The introduction of the RNA-Seq technology based on SGS has provided a remarkable step forward providing a fast and inexpensive click here way to determine the transcriptome of a given cell type and several remarkable works have been done using this type of approach [1, 2 and 3••]. Nonetheless tasks like de novo discovery of genes, gene isoforms assembly or transcript and isoform abundance determination are still challenging and far from being achieved. Recently, we developed a new tool (IDP) to integrate SGS and Third Generation Sequencing (TGS) data from human Embryonic Stem Cells (H1 cell line) and identified 13,543 transcripts with false positive rate lower 5%, including 2103 novel transcripts
and 216 novel genes, 146 of which were deemed hESCs-specific [ 4••]. In this review we discuss the importance and the current challenges in identifying the accurate transcriptome of hESCs and human Induced Pluripotent Stem Cells (hiPSCs) and show evidence of the reliability of IDP in detecting and predicting annotated and novel genes and their isoforms. Many studies have revealed that human Pluripotent Stem Cells (hPSCs, term that includes hESCs and hiPSCs) are characterized by transcriptionally permissible chromatin (i.e. accessible to a variety of transcription and remodeling factors), a state
compatible with increased global expression of genes and gene isoforms [5]. The transcriptionally permissive chromatin is characterized by distinct epigenetic marks (e.g. histone modifications) that define two diverse types of genes: genes that are active in the undifferentiated state Rapamycin and genes that are inactive (or expressed at very low levels) but “poised” for expression and that characterize more differentiated cell types [6]. Given such complexity of the epigenetic status for most of the genes, it is essential to identify the transcripts and the isoforms that are indeed functionally relevant (even if expressed at low levels) in PSCs and those on the other hand that have a very low level
of activation because transcribed from loci that are only “poised” ID-8 for transcription but not really relevant at this stage of development.
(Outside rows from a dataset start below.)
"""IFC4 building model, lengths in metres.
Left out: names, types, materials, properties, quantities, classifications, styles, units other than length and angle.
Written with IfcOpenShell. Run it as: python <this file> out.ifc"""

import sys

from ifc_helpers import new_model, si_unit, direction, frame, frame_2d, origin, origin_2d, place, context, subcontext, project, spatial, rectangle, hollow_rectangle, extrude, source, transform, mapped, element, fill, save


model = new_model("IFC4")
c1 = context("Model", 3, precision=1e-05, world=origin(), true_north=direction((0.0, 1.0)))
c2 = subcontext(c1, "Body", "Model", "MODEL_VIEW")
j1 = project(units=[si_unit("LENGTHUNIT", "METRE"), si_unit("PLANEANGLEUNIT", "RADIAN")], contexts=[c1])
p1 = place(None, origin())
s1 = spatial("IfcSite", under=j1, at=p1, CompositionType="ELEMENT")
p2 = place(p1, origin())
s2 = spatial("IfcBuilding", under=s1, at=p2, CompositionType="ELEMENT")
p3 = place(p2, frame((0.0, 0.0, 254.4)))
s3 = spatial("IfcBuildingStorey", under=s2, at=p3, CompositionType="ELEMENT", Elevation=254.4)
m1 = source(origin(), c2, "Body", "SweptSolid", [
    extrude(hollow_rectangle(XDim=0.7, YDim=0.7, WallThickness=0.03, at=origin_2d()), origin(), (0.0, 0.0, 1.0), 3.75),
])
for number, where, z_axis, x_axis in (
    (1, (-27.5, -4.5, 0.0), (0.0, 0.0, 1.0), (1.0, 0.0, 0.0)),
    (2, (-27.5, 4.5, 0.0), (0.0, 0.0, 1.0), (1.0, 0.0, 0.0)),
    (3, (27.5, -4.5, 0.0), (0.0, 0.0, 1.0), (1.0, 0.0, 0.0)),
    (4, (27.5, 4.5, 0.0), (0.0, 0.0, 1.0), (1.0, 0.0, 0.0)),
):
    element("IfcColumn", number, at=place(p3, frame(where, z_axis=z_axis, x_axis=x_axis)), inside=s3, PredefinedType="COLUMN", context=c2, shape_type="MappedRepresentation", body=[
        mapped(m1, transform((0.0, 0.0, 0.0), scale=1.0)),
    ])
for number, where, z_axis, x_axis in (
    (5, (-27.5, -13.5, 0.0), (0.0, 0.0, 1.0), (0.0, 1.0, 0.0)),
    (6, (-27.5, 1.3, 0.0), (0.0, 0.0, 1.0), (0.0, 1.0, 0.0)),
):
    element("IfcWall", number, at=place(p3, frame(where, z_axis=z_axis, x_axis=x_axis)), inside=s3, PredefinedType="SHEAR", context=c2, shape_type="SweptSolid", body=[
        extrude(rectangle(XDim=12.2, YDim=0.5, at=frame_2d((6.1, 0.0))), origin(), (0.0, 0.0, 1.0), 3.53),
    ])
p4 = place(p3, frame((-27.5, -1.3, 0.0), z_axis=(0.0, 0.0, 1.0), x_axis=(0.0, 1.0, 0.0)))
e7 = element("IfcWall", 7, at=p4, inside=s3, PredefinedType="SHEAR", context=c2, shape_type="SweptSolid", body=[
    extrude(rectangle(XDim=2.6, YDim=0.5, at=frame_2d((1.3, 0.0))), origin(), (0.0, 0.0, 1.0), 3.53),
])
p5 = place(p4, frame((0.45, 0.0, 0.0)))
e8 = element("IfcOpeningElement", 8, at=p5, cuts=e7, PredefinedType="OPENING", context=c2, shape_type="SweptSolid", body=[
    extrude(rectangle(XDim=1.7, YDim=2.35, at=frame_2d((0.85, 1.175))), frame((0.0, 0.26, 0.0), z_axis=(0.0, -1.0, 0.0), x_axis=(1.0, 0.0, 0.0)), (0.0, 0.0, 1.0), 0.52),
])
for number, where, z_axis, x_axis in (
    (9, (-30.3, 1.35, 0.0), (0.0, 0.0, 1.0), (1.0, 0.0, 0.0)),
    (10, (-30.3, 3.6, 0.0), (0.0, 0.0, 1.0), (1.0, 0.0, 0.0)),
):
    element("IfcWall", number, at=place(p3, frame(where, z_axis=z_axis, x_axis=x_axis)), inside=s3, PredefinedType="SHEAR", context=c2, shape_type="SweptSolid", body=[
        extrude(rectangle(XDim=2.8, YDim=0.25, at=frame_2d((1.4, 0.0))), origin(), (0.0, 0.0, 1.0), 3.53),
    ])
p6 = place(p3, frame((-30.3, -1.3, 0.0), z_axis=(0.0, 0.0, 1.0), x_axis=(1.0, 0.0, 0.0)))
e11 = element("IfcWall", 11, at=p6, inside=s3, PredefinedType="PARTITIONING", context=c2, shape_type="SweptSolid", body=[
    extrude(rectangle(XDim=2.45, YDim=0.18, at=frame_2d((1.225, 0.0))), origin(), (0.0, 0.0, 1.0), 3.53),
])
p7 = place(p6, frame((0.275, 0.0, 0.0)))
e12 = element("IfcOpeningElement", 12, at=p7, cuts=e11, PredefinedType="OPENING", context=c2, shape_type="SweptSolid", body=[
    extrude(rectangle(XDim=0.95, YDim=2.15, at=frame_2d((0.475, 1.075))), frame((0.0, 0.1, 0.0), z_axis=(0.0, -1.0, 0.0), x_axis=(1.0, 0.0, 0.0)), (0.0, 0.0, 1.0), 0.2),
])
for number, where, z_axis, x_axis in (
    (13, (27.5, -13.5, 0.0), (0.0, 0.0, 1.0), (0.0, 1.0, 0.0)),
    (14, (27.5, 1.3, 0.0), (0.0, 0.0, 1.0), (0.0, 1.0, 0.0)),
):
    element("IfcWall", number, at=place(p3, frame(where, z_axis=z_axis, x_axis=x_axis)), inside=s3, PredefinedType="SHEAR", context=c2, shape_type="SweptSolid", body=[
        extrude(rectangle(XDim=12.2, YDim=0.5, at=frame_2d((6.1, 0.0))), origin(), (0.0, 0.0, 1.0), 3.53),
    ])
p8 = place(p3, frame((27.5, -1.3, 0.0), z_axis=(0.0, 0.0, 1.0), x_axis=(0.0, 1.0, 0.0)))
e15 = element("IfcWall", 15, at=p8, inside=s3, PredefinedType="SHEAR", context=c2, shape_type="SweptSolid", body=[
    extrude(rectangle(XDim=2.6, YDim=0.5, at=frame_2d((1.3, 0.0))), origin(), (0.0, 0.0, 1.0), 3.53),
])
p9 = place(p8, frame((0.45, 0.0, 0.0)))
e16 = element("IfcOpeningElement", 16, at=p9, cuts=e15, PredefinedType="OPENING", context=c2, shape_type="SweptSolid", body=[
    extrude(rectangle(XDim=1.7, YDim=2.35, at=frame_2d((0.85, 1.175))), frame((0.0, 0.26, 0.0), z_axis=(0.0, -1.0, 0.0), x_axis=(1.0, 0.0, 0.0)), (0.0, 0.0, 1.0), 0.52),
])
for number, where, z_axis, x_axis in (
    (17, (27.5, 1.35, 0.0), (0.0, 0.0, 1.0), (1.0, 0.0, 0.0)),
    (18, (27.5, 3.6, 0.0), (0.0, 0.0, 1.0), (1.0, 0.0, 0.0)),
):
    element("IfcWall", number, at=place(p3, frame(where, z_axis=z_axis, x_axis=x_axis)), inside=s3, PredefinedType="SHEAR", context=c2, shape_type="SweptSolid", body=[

A definitive answer to this problem would be provided by the validation of expression of transcripts observed by RNA-Seq (e.g. with other assays like RT-PCR) and most importantly by functional studies. Although RNA-Seq data have been produced from pluripotent cell samples, such as embryonic stem cells and preimplantation embryos at different developmental stages (from zygote to late blastocyst) [3••, 7• and 8•], experimental validation of novel transcript expression and functional analysis of many mRNAs is still lacking. The vast majority of most recent research has focused on determining the regulatory network of the well characterized pluripotency genes, such as OCT4, SOX2 and NANOG, or have concentrated on seeking for new markers from already annotated genes, such as ZFP296 [9].